Em todo o caso é um filme sobre duas mulheres – Maria e Elizabeth I – e o poder, numa época em que ser mulher e deter poder político era contranatura, e o preço (diferente) que ambas pagaram. Não deixa de ser curioso que à época se considerava que as mulheres, por serem diferentes dos homens, não gostavam do exercício da política e não lhes eram biologicamente adaptadas. E que, séculos depois, na segunda década do século XXI, quando se fala de representação política das mulheres, permanecem ainda ignoramus que utilizam exatamente o mesmo argumento.

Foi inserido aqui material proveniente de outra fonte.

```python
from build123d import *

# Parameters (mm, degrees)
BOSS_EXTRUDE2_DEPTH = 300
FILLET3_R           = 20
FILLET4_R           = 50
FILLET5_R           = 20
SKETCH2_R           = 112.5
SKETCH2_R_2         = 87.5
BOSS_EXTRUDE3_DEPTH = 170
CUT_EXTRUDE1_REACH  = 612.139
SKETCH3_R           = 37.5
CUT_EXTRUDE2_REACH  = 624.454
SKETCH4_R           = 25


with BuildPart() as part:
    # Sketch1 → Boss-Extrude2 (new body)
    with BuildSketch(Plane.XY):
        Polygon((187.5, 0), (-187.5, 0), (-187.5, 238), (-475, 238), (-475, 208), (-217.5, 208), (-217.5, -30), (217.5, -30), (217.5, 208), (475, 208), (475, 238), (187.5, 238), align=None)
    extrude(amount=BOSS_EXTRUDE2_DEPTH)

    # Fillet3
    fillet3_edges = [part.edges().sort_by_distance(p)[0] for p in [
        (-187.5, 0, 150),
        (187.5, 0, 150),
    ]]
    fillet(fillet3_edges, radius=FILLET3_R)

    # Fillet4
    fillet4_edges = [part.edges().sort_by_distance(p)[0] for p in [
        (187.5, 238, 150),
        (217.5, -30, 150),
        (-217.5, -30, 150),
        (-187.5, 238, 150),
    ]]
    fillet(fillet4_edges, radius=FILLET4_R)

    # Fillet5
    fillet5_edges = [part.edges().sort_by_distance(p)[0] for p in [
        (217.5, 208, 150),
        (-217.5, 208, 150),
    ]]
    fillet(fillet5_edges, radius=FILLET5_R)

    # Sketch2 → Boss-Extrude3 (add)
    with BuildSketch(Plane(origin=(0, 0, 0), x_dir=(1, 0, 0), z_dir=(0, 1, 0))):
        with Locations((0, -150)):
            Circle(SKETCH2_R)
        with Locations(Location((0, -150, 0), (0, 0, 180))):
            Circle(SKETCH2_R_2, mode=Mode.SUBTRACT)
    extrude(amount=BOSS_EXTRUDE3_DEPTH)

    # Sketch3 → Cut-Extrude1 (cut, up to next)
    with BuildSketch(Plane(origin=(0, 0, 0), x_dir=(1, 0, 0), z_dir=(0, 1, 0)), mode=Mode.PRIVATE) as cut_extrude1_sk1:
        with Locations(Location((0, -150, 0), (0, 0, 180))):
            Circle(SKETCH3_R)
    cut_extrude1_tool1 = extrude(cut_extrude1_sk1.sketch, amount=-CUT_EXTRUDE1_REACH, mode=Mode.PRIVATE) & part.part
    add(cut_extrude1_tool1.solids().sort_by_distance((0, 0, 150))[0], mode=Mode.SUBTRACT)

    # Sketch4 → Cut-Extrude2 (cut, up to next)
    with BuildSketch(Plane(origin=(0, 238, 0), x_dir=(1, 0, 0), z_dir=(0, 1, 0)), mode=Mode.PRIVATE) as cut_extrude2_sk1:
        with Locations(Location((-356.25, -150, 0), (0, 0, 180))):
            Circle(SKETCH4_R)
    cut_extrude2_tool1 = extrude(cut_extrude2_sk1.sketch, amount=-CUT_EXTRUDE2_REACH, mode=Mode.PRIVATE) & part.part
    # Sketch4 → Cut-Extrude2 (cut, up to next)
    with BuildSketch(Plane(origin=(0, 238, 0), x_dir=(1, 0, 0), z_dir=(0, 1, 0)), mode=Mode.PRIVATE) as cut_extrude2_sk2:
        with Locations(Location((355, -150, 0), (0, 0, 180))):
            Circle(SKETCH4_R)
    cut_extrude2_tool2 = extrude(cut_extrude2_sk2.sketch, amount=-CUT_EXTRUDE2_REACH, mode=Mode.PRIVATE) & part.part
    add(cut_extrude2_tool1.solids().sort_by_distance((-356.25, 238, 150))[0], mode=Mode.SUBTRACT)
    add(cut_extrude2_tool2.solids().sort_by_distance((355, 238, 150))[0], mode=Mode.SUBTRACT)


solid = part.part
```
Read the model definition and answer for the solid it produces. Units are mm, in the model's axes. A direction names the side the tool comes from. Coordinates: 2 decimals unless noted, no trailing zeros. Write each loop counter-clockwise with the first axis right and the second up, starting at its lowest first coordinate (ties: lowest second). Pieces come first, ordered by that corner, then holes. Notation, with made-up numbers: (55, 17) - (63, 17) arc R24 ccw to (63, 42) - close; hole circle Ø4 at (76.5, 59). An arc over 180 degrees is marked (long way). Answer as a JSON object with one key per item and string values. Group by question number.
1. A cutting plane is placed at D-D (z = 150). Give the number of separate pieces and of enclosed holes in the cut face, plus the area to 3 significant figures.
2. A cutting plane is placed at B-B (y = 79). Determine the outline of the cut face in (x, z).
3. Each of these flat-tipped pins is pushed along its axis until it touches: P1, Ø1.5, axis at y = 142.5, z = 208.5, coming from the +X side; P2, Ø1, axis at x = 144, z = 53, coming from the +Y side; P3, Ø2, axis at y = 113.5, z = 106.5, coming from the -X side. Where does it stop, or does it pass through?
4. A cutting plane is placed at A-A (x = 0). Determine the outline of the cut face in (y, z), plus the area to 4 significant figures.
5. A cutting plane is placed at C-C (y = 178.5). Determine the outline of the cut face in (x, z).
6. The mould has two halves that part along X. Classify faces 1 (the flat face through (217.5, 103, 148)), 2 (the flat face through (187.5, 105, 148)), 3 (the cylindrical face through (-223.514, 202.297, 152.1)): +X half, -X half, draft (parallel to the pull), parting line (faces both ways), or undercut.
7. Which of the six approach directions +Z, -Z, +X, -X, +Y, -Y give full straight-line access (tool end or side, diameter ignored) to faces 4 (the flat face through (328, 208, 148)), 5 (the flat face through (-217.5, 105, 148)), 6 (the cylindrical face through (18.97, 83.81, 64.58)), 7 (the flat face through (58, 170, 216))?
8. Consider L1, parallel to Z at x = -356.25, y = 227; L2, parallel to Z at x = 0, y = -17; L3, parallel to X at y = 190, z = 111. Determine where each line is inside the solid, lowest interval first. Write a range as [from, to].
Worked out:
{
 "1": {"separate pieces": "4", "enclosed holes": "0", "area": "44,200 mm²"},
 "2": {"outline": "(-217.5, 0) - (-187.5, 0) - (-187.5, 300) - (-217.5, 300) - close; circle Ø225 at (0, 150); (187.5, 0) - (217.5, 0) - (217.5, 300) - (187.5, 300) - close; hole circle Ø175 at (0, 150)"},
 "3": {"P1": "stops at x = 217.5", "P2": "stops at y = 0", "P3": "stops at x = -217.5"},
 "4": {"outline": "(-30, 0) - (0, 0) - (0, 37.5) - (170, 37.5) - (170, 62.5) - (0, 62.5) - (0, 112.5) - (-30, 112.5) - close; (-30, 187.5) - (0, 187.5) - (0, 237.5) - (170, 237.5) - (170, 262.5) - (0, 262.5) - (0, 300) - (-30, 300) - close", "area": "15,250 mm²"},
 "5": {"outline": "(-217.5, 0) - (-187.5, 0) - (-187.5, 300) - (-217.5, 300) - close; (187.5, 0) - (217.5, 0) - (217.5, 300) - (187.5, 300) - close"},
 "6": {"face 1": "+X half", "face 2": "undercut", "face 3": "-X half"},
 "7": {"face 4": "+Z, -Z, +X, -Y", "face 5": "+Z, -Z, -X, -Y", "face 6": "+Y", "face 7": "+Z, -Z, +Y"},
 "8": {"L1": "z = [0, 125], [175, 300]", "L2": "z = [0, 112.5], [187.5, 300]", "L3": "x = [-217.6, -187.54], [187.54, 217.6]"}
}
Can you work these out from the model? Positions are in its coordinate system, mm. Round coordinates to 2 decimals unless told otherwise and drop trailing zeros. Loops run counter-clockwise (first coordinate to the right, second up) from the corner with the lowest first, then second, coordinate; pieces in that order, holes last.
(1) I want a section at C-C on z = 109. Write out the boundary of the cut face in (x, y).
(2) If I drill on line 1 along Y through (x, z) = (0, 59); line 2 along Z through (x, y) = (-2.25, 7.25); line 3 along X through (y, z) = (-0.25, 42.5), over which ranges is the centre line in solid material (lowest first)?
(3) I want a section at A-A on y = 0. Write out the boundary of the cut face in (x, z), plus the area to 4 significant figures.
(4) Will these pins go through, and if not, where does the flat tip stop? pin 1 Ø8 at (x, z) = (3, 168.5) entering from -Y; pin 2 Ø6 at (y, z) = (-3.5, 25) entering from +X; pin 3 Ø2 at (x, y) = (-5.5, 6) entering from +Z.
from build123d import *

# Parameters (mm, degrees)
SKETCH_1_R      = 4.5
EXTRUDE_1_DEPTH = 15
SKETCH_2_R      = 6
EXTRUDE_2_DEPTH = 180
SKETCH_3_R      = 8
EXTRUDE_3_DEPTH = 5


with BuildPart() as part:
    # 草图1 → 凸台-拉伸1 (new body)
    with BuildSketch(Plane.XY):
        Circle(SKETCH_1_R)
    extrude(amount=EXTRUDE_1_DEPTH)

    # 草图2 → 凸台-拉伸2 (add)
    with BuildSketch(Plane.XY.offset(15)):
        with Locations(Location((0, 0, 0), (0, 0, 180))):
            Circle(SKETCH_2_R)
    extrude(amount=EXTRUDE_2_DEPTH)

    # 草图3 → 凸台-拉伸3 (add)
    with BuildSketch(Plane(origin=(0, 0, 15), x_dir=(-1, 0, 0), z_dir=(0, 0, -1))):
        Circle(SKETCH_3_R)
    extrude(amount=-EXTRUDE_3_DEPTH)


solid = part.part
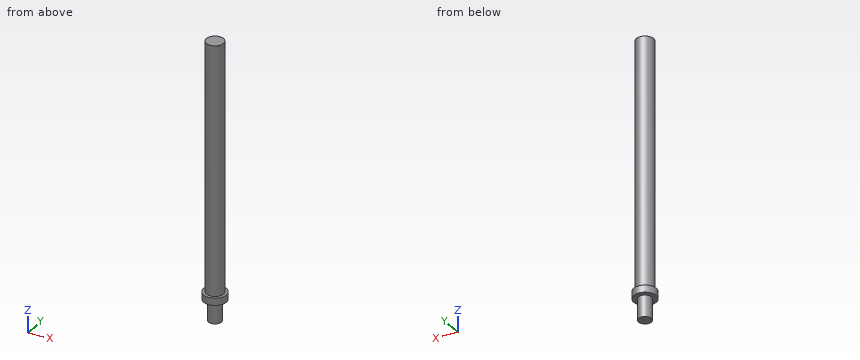
Filled sheet:
1. outline: circle Ø12 at (0, 0)
2. line 1: y = -6 to 6
2. line 2: z = 15 to 20
2. line 3: x = -5.99 to 5.99
3. outline: (-8, 15) - (-4.5, 15) - (-4.5, 0) - (4.5, 0) - (4.5, 15) - (8, 15) - (8, 20) - (6, 20) - (6, 195) - (-6, 195) - (-6, 20) - (-8, 20) - close
3. area: 2,315 mm2
4. pin 1: stops at y = -6
4. pin 2: stops at x = 5.98
4. pin 3: stops at z = 20

E, em mais um exemplo de como a maldade e estupidez humana perpassam os tempos,  as cenas da pregação de John Knox – o líder religioso protestante fanático, puritano e de um moralismo castrador – em que acusa Maria de todos os males e de todos os pecados (por ser mulher), bem como a reação massiva e de ódio da assistência, são reminiscentes das acusações insubstanciadas da atualidade e das reações violentas das redes sociais.

Por fim, os filmes sobre o passado geralmente revelam mais sobre o presente que sobre o passado. Porque a forma como olhamos para o passado é sempre feita partindo do ponto de vista do presente. Há uns anos, este filme teria sido todo sobre as tensões religiosas e os embates entre católicos e protestantes do século XVI porventura enquadrando-as nas guerras religiosas que brotaram por quase toda a Europa. Mas, num filme de 2018, o ponto de vista à volta do qual se construiu a narrativa foi o binómio as mulheres e o poder. Inevitavelmente, porque é este o debate de hoje. Ainda, mas mais lateralmente, o debate da diversidade – várias personagens eram representadas por atores não europeus. Uma opção que eu aplaudo. Afinal nunca ninguém protestou porque os chineses de 55 Dias em Pequim foram muitos deles representados por ocidentais. Por isto também o filme é interessante: é um documento. Da atualidade.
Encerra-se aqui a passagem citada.